The opening maelstrom of “Vestals of Descending Light” – fifty seconds of whirling riffs and chattering drums – quickly demonstrates that this new line-up are as tight and as vicious as ever, however, before making way for the macabre melodic grandeur and grimly infectious guitar work of “Arousing Wombs in Nine Angles Pleroma”, which sees Perversifier and his fellow axe-man A. K. playing cruel games with dissonance and harmony as they work their way through a series of chunky, chugging riffs and scalding tremolo runs.

“Gospel of the Void” is as brutally catchy and gruesomely groovy as anything the band have recorded so far, marrying the primal appeal of classic Watain to a touch of Deathspell Omega’s disharmonic disregard for convention, while the weirdly hypnotic strains of “Beati Estis Cum Maledixerint Vobis” mix and match savage, scorched-earth blastbeats and shamelessly showboating lead guitar work in unexpectedly effective fashion.

“Hypophanie” is an tense, doom-laden number which features some subtly intricate and interesting drumwork from new member Blastum, as well as some gorgeous clean guitar work at its climax, after which “Obstetrics of Devourment” and “Worms in the Divine Intestine” shift things back in a more traditional direction, all thickly coiled, serpentine riffs, lithe, slithering basslines, and wickedly melodic tremolo, with the latter in particular standing out as one of the visceral and virulent tracks on the entire disc.
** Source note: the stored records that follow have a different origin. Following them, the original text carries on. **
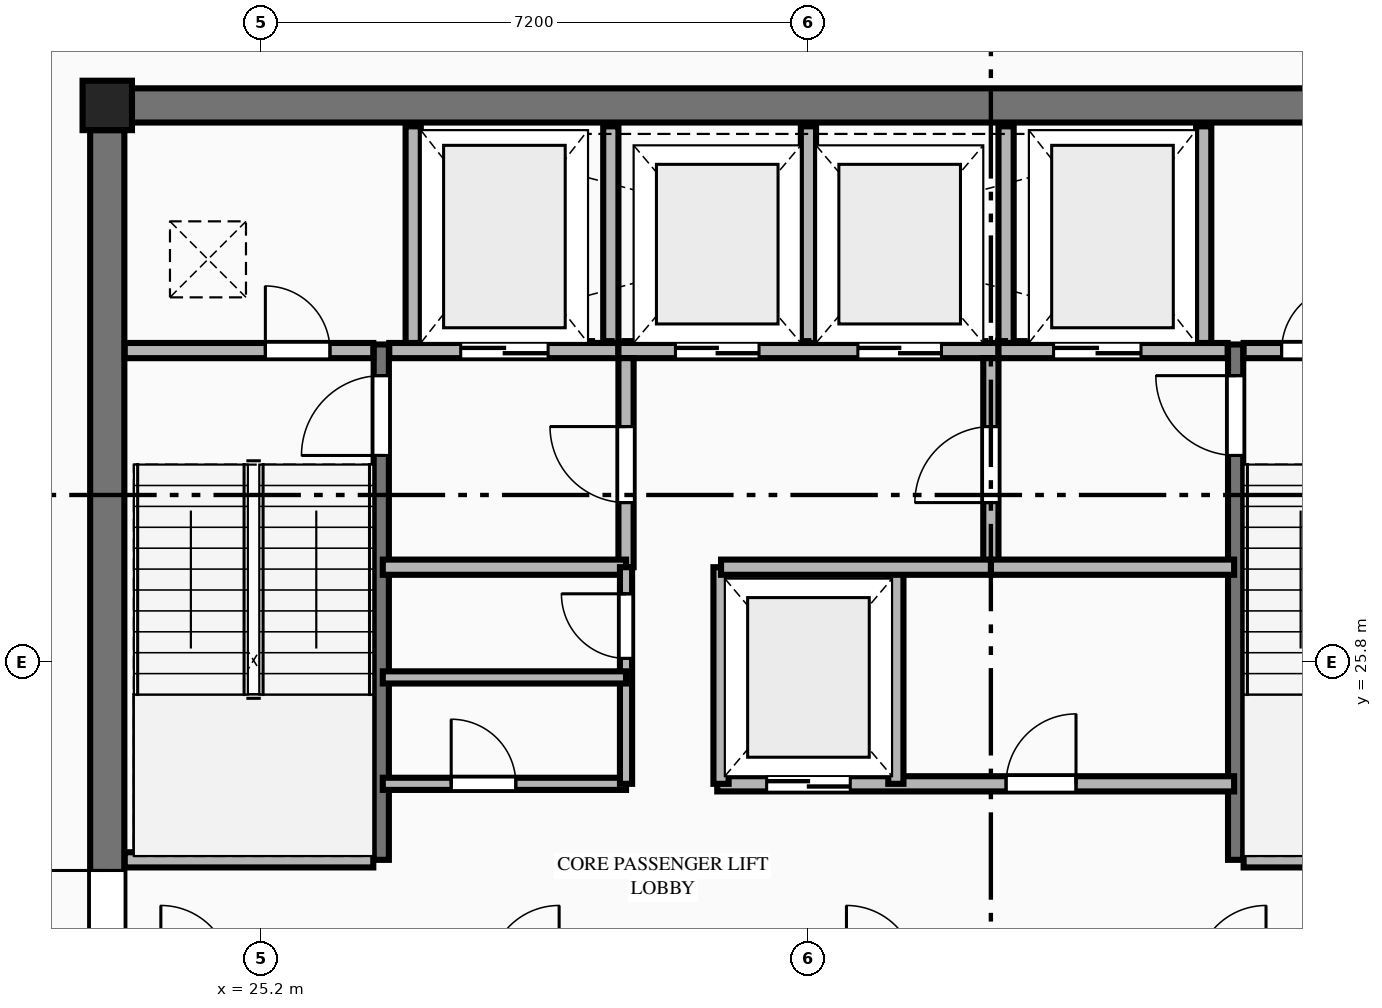
"""IFC4 building model, lengths in metres.
Left out: names, types, materials, properties, quantities, classifications, styles, units other than length and angle.
Written with IfcOpenShell. Run it as: python <this file> out.ifc"""

import sys

from ifc_helpers import new_model, si_unit, direction, frame, frame_2d, origin, origin_2d, place, context, subcontext, project, spatial, rectangle, extrude, element, fill, save


model = new_model("IFC4")
c1 = context("Model", 3, precision=1e-05, world=origin(), true_north=direction((0.0, 1.0)))
c2 = subcontext(c1, "Body", "Model", "MODEL_VIEW")
j1 = project(units=[si_unit("LENGTHUNIT", "METRE"), si_unit("PLANEANGLEUNIT", "RADIAN")], contexts=[c1])
p1 = place(None, origin())
s1 = spatial("IfcSite", under=j1, at=p1, CompositionType="ELEMENT")
p2 = place(p1, origin())
s2 = spatial("IfcBuilding", under=s1, at=p2, CompositionType="ELEMENT")
p3 = place(p2, frame((0.0, 0.0, 291.5)))
s3 = spatial("IfcBuildingStorey", under=s2, at=p3, CompositionType="ELEMENT", Elevation=291.5)
p4 = place(p3, frame((23.175, 33.125, 0.0), z_axis=(0.0, 0.0, 1.0), x_axis=(1.0, 0.0, 0.0)))
e1 = element("IfcColumn", 1, at=p4, inside=s3, PredefinedType="COLUMN", context=c2, shape_type="SweptSolid", body=[
    extrude(rectangle(XDim=0.65, YDim=0.65, at=origin_2d()), origin(), (0.0, 0.0, 1.0), 4.0),
])
p5 = place(p3, frame((23.5, 33.125, 0.0), z_axis=(0.0, 0.0, 1.0), x_axis=(1.0, 0.0, 0.0)))
e2 = element("IfcWall", 2, at=p5, inside=s3, PredefinedType="SHEAR", context=c2, shape_type="SweptSolid", body=[
    extrude(rectangle(XDim=17.8, YDim=0.45, at=frame_2d((8.9, 0.0))), origin(), (0.0, 0.0, 1.0), 3.8),
])
p6 = place(p3, frame((23.175, 19.0, 0.0), z_axis=(0.0, 0.0, 1.0), x_axis=(0.0, 1.0, 0.0)))
e3 = element("IfcWall", 3, at=p6, inside=s3, PredefinedType="SHEAR", context=c2, shape_type="SweptSolid", body=[
    extrude(rectangle(XDim=13.8, YDim=0.45, at=frame_2d((6.9, 0.0))), origin(), (0.0, 0.0, 1.0), 3.8),
])
p7 = place(p6, frame((2.84, 0.0, 0.0)))
e4 = element("IfcOpeningElement", 4, at=p7, cuts=e3, PredefinedType="OPENING", context=c2, shape_type="SweptSolid", body=[
    extrude(rectangle(XDim=1.22, YDim=2.25, at=frame_2d((0.61, 1.125))), frame((0.0, 0.235, 0.0), z_axis=(0.0, -1.0, 0.0), x_axis=(1.0, 0.0, 0.0)), (0.0, 0.0, 1.0), 0.47),
])
p8 = place(p3, frame((26.78, 23.2, 0.0), z_axis=(0.0, 0.0, 1.0), x_axis=(0.0, 1.0, 0.0)))
e5 = element("IfcWall", 5, at=p8, inside=s3, PredefinedType="SHEAR", context=c2, shape_type="SweptSolid", body=[
    extrude(rectangle(XDim=6.78, YDim=0.2, at=frame_2d((3.39, 0.0))), origin(), (0.0, 0.0, 1.0), 4.0),
])
p9 = place(p8, frame((5.32, 0.0, 0.0)))
e6 = element("IfcOpeningElement", 6, at=p9, cuts=e5, PredefinedType="OPENING", context=c2, shape_type="SweptSolid", body=[
    extrude(rectangle(XDim=1.05, YDim=2.15, at=frame_2d((0.525, 1.075))), frame((0.0, 0.11, 0.0), z_axis=(0.0, -1.0, 0.0), x_axis=(1.0, 0.0, 0.0)), (0.0, 0.0, 1.0), 0.22),
])
p10 = place(p3, frame((23.405, 23.2, 0.0), z_axis=(0.0, 0.0, 1.0), x_axis=(1.0, 0.0, 0.0)))
e7 = element("IfcWall", 7, at=p10, inside=s3, PredefinedType="PLUMBINGWALL", context=c2, shape_type="SweptSolid", body=[
    extrude(rectangle(XDim=3.27, YDim=0.2, at=frame_2d((1.635, 0.0))), origin(), (0.0, 0.0, 1.0), 3.8),
])
p11 = place(p3, frame((38.02, 23.2, 0.0), z_axis=(0.0, 0.0, 1.0), x_axis=(0.0, 1.0, 0.0)))
e8 = element("IfcWall", 8, at=p11, inside=s3, PredefinedType="SHEAR", context=c2, shape_type="SweptSolid", body=[
    extrude(rectangle(XDim=6.78, YDim=0.2, at=frame_2d((3.39, 0.0))), origin(), (0.0, 0.0, 1.0), 4.0),
])
p12 = place(p11, frame((5.32, 0.0, 0.0)))
e9 = element("IfcOpeningElement", 9, at=p12, cuts=e8, PredefinedType="OPENING", context=c2, shape_type="SweptSolid", body=[
    extrude(rectangle(XDim=1.05, YDim=2.15, at=frame_2d((0.525, 1.075))), frame((0.0, 0.11, 0.0), z_axis=(0.0, -1.0, 0.0), x_axis=(1.0, 0.0, 0.0)), (0.0, 0.0, 1.0), 0.22),
])
p13 = place(p3, frame((38.125, 23.2, 0.0), z_axis=(0.0, 0.0, 1.0), x_axis=(1.0, 0.0, 0.0)))
e10 = element("IfcWall", 10, at=p13, inside=s3, PredefinedType="PLUMBINGWALL", context=c2, shape_type="SweptSolid", body=[
    extrude(rectangle(XDim=3.27, YDim=0.2, at=frame_2d((1.635, 0.0))), origin(), (0.0, 0.0, 1.0), 3.8),
])
p14 = place(p3, frame((23.405, 29.9, 0.0), z_axis=(0.0, 0.0, 1.0), x_axis=(1.0, 0.0, 0.0)))
e11 = element("IfcWall", 11, at=p14, inside=s3, PredefinedType="PLUMBINGWALL", context=c2, shape_type="SweptSolid", body=[
    extrude(rectangle(XDim=3.27, YDim=0.2, at=frame_2d((1.635, 0.0))), origin(), (0.0, 0.0, 1.0), 3.8),
])
p15 = place(p14, frame((1.85, 0.0, 0.0)))
e12 = element("IfcOpeningElement", 12, at=p15, cuts=e11, PredefinedType="OPENING", context=c2, shape_type="SweptSolid", body=[
    extrude(rectangle(XDim=0.85, YDim=2.05, at=frame_2d((0.425, 1.025))), frame((0.0, 0.11, 0.0), z_axis=(0.0, -1.0, 0.0), x_axis=(1.0, 0.0, 0.0)), (0.0, 0.0, 1.0), 0.22),
])
p16 = place(p3, frame((26.885, 29.9, 0.0), z_axis=(0.0, 0.0, 1.0), x_axis=(1.0, 0.0, 0.0)))
e13 = element("IfcWall", 13, at=p16, inside=s3, PredefinedType="PLUMBINGWALL", context=c2, shape_type="SweptSolid", body=[
    extrude(rectangle(XDim=3.015, YDim=0.2, at=frame_2d((1.507, 0.0))), origin(), (0.0, 0.0, 1.0), 3.8),
])
p17 = place(p16, frame((0.94, 0.0, 0.0)))
e14 = element("IfcOpeningElement", 14, at=p17, cuts=e13, PredefinedType="OPENING", context=c2, shape_type="SweptSolid", body=[
    extrude(rectangle(XDim=1.15, YDim=2.2, at=frame_2d((0.575, 1.1))), frame((0.0, 0.11, 0.0), z_axis=(0.0, -1.0, 0.0), x_axis=(1.0, 0.0, 0.0)), (0.0, 0.0, 1.0), 0.22),
])
p18 = place(p3, frame((29.9, 29.9, 0.0), z_axis=(0.0, 0.0, 1.0), x_axis=(1.0, 0.0, 0.0)))
e15 = element("IfcWall", 15, at=p18, inside=s3, PredefinedType="PLUMBINGWALL", context=c2, shape_type="SweptSolid", body=[
    extrude(rectangle(XDim=5.0, YDim=0.2, at=frame_2d((2.5, 0.0))), origin(), (0.0, 0.0, 1.0), 3.8),
])
p19 = place(p18, frame((0.75, 0.0, 0.0)))
e16 = element("IfcOpeningElement", 16, at=p19, cuts=e15, PredefinedType="OPENING", context=c2, shape_type="SweptSolid", body=[
    extrude(rectangle(XDim=1.1, YDim=2.2, at=frame_2d((0.55, 1.1))), frame((0.0, 0.11, 0.0), z_axis=(0.0, -1.0, 0.0), x_axis=(1.0, 0.0, 0.0)), (0.0, 0.0, 1.0), 0.22),
])
p20 = place(p18, frame((3.15, 0.0, 0.0)))
e17 = element("IfcOpeningElement", 17, at=p20, cuts=e15, PredefinedType="OPENING", context=c2, shape_type="SweptSolid", body=[
    extrude(rectangle(XDim=1.1, YDim=2.2, at=frame_2d((0.55, 1.1))), frame((0.0, 0.11, 0.0), z_axis=(0.0, -1.0, 0.0), x_axis=(1.0, 0.0, 0.0)), (0.0, 0.0, 1.0), 0.22),
])
p21 = place(p3, frame((34.9, 29.9, 0.0), z_axis=(0.0, 0.0, 1.0), x_axis=(1.0, 0.0, 0.0)))
e18 = element("IfcWall", 18, at=p21, inside=s3, PredefinedType="PLUMBINGWALL", context=c2, shape_type="SweptSolid", body=[
    extrude(rectangle(XDim=3.015, YDim=0.2, at=frame_2d((1.508, 0.0))), origin(), (0.0, 0.0, 1.0), 3.8),
])
p22 = place(p21, frame((0.725, 0.0, 0.0)))
e19 = element("IfcOpeningElement", 19, at=p22, cuts=e18, PredefinedType="OPENING", context=c2, shape_type="SweptSolid", body=[
    extrude(rectangle(XDim=1.15, YDim=2.2, at=frame_2d((0.575, 1.1))), frame((0.0, 0.11, 0.0), z_axis=(0.0, -1.0, 0.0), x_axis=(1.0, 0.0, 0.0)), (0.0, 0.0, 1.0), 0.22),
])
p23 = place(p3, frame((38.125, 29.9, 0.0), z_axis=(0.0, 0.0, 1.0), x_axis=(1.0, 0.0, 0.0)))
e20 = element("IfcWall", 20, at=p23, inside=s3, PredefinedType="PLUMBINGWALL", context=c2, shape_type="SweptSolid", body=[
    extrude(rectangle(XDim=3.27, YDim=0.2, at=frame_2d((1.635, 0.0))), origin(), (0.0, 0.0, 1.0), 3.8),
])
p24 = place(p23, frame((0.5, 0.0, 0.0)))
e21 = element("IfcOpeningElement", 21, at=p24, cuts=e20, PredefinedType="OPENING", context=c2, shape_type="SweptSolid", body=[
    extrude(rectangle(XDim=0.85, YDim=2.05, at=frame_2d((0.425, 1.025))), frame((0.0, 0.11, 0.0), z_axis=(0.0, -1.0, 0.0), x_axis=(1.0, 0.0, 0.0)), (0.0, 0.0, 1.0), 0.22),
])
for number, where, z_axis, x_axis in (
    (22, (27.2, 30.0, 0.0), (0.0, 0.0, 1.0), (0.0, 1.0, 0.0)),
    (23, (29.8, 30.0, 0.0), (0.0, 0.0, 1.0), (0.0, 1.0, 0.0)),
    (24, (32.4, 30.0, 0.0), (0.0, 0.0, 1.0), (0.0, 1.0, 0.0)),
    (25, (35.0, 30.0, 0.0), (0.0, 0.0, 1.0), (0.0, 1.0, 0.0)),
    (26, (37.6, 30.0, 0.0), (0.0, 0.0, 1.0), (0.0, 1.0, 0.0)),
):
    element("IfcWall", number, at=place(p3, frame(where, z_axis=z_axis, x_axis=x_axis)), inside=s3, PredefinedType="PLUMBINGWALL", context=c2, shape_type="SweptSolid", body=[
        extrude(rectangle(XDim=2.85, YDim=0.2, at=frame_2d((1.425, 0.0))), origin(), (0.0, 0.0, 1.0), 3.8),
    ])
p25 = place(p3, frame((30.0, 27.05, 0.0), z_axis=(0.0, 0.0, 1.0), x_axis=(0.0, 1.0, 0.0)))
e27 = element("IfcWall", 27, at=p25, inside=s3, PredefinedType="PLUMBINGWALL", context=c2, shape_type="SweptSolid", body=[
    extrude(rectangle(XDim=2.75, YDim=0.2, at=frame_2d((1.375, 0.0))), origin(), (0.0, 0.0, 1.0), 3.8),
])
p26 = place(p25, frame((0.85, 0.0, 0.0)))
e28 = element("IfcOpeningElement", 28, at=p26, cuts=e27, PredefinedType="OPENING", context=c2, shape_type="SweptSolid", body=[
    extrude(rectangle(XDim=1.0, YDim=2.15, at=frame_2d((0.5, 1.075))), frame((0.0, 0.11, 0.0), z_axis=(0.0, -1.0, 0.0), x_axis=(1.0, 0.0, 0.0)), (0.0, 0.0, 1.0), 0.22),
])
p27 = place(p3, frame((26.8, 27.05, 0.0), z_axis=(0.0, 0.0, 1.0), x_axis=(1.0, 0.0, 0.0)))
e29 = element("IfcWall", 29, at=p27, inside=s3, PredefinedType="PLUMBINGWALL", context=c2, shape_type="SweptSolid", body=[
    extrude(rectangle(XDim=3.2, YDim=0.2, at=frame_2d((1.6, 0.0))), origin(), (0.0, 0.0, 1.0), 3.8),
])
p28 = place(p3, frame((34.8, 27.05, 0.0), z_axis=(0.0, 0.0, 1.0), x_axis=(0.0, 1.0, 0.0)))
e30 = element("IfcWall", 30, at=p28, inside=s3, PredefinedType="PLUMBINGWALL", context=c2, shape_type="SweptSolid", body=[
    extrude(rectangle(XDim=2.75, YDim=0.2, at=frame_2d((1.375, 0.0))), origin(), (0.0, 0.0, 1.0), 3.8),
])
p29 = place(p28, frame((0.85, 0.0, 0.0)))
e31 = element("IfcOpeningElement", 31, at=p29, cuts=e30, PredefinedType="OPENING", context=c2, shape_type="SweptSolid", body=[
    extrude(rectangle(XDim=1.0, YDim=2.15, at=frame_2d((0.5, 1.075))), frame((0.0, 0.11, 0.0), z_axis=(0.0, -1.0, 0.0), x_axis=(1.0, 0.0, 0.0)), (0.0, 0.0, 1.0), 0.22),
])
p30 = place(p3, frame((34.8, 27.05, 0.0), z_axis=(0.0, 0.0, 1.0), x_axis=(1.0, 0.0, 0.0)))
e32 = element("IfcWall", 32, at=p30, inside=s3, PredefinedType="PLUMBINGWALL", context=c2, shape_type="SweptSolid", body=[
    extrude(rectangle(XDim=3.2, YDim=0.2, at=frame_2d((1.6, 0.0))), origin(), (0.0, 0.0, 1.0), 3.8),
])
p31 = place(p3, frame((26.8, 24.2, 0.0), z_axis=(0.0, 0.0, 1.0), x_axis=(1.0, 0.0, 0.0)))
e33 = element("IfcWall", 33, at=p31, inside=s3, PredefinedType="PARTITIONING", context=c2, shape_type="SweptSolid", body=[
    extrude(rectangle(XDim=3.2, YDim=0.16, at=frame_2d((1.6, 0.0))), origin(), (0.0, 0.0, 1.0), 3.8),
])
p32 = place(p31, frame((0.9, 0.0, 0.0)))
e34 = element("IfcOpeningElement", 34, at=p32, cuts=e33, PredefinedType="OPENING", context=c2, shape_type="SweptSolid", body=[
    extrude(rectangle(XDim=0.85, YDim=2.05, at=frame_2d((0.425, 1.025))), frame((0.0, 0.09, 0.0), z_axis=(0.0, -1.0, 0.0), x_axis=(1.0, 0.0, 0.0)), (0.0, 0.0, 1.0), 0.18),
])
p33 = place(p3, frame((30.0, 24.2, 0.0), z_axis=(0.0, 0.0, 1.0), x_axis=(0.0, 1.0, 0.0)))
e35 = element("IfcWall", 35, at=p33, inside=s3, PredefinedType="PARTITIONING", context=c2, shape_type="SweptSolid", body=[
    extrude(rectangle(XDim=2.85, YDim=0.16, at=frame_2d((1.425, 0.0))), origin(), (0.0, 0.0, 1.0), 3.8),
])
p34 = place(p33, frame((1.65, 0.0, 0.0)))
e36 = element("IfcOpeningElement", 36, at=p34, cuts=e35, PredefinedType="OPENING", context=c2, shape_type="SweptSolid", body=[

The ugly, undulating attack of “Abortion Light” (featuring a guest appearance from the acid-scarred vocal chords of MortuusMarduk, Funeral Mist) provides the listener with a wealth of suppurating grooves and manic blastbeats, before the album draws to a close with the anxiety-inducing strains of “Liminal Matter Corruption”, which drags them on an excruciating journey through the darkest depths of their own blackened hellscape.

 

 

 

 

 

 

 

OMEGAPHILIA – 2017

Despite the five year gap between releases, Omegaphilia is, if I’m not mistaken, the first Merrimack album to feature the exact same line-up as the one preceding it, which strongly suggests that the quintet must have bonded as a unit far more than any of their predecessors over the course of those intervening years.

Whether this is true or simply pure supposition, however, it’s impossible to deny how obscenely tight and focused the band sound on “Cauterizing Cosmos”, which, after a creepy, ritualistic opening, transitions into a darkly majestic march of mammoth chords and ringing melodies, and from this into a surging torrent of visceral blackened fury.

“The Falsified Sun” is a pummeling powerhouse of driving drums, howling vocals, and heart-stoppingly intense guitar work which pulls absolutely no punches… although “Apophatic Weaponry” hits just as hard and just as heavy by seamlessly juxtaposing apocalyptic blastery and slow-burning doomery over the course of six-and-a-half morbidly metallic minutes.

“Gutters of Pain” begins with a dreary procession of dark, haunting melody, before the dam finally bursts, unleashing a dizzying torrent of pitch-black punishment and sickening, suffocating grooves that lead the listener – eventually — into the cold embrace of the devastatingly dynamic “Sights in the Abysmal Lure” .

Phenomenal penultimate track, “Cesspool Coronation”, is seven-and-a-half minutes of groaning gloom, and glorious grimness, powered by the furious footwork and whiplash-inducing snare attack of drummer Blastum, interwoven with a series of chillingly effective lead melodies and snarling vocal utterances, which serves to showcase the band’s intriguing blending of orthodox intensity and unorthodox creativity, before the dread-soaked “At the Vanguard of Deception” – which begins as a truly berserk display of utter savagery and venom but which develops, over the course of nine nerve-wracking minutes, into something far more enigmatic and unconventional – hammers the final nail into the coffin in a sadistic display of crushing contempt and disgust.

https://merrimack.bandcamp.com/album/omegaphilia

 

  3 Responses to “THE SYNN REPORT, PART 86: MERRIMACK”

  1. I like the way this music sounds

  2. This is a great idea, to review the whole set of releases of a band at once. Nice review that documents the evolution of this band. Their last 2 albums were killer.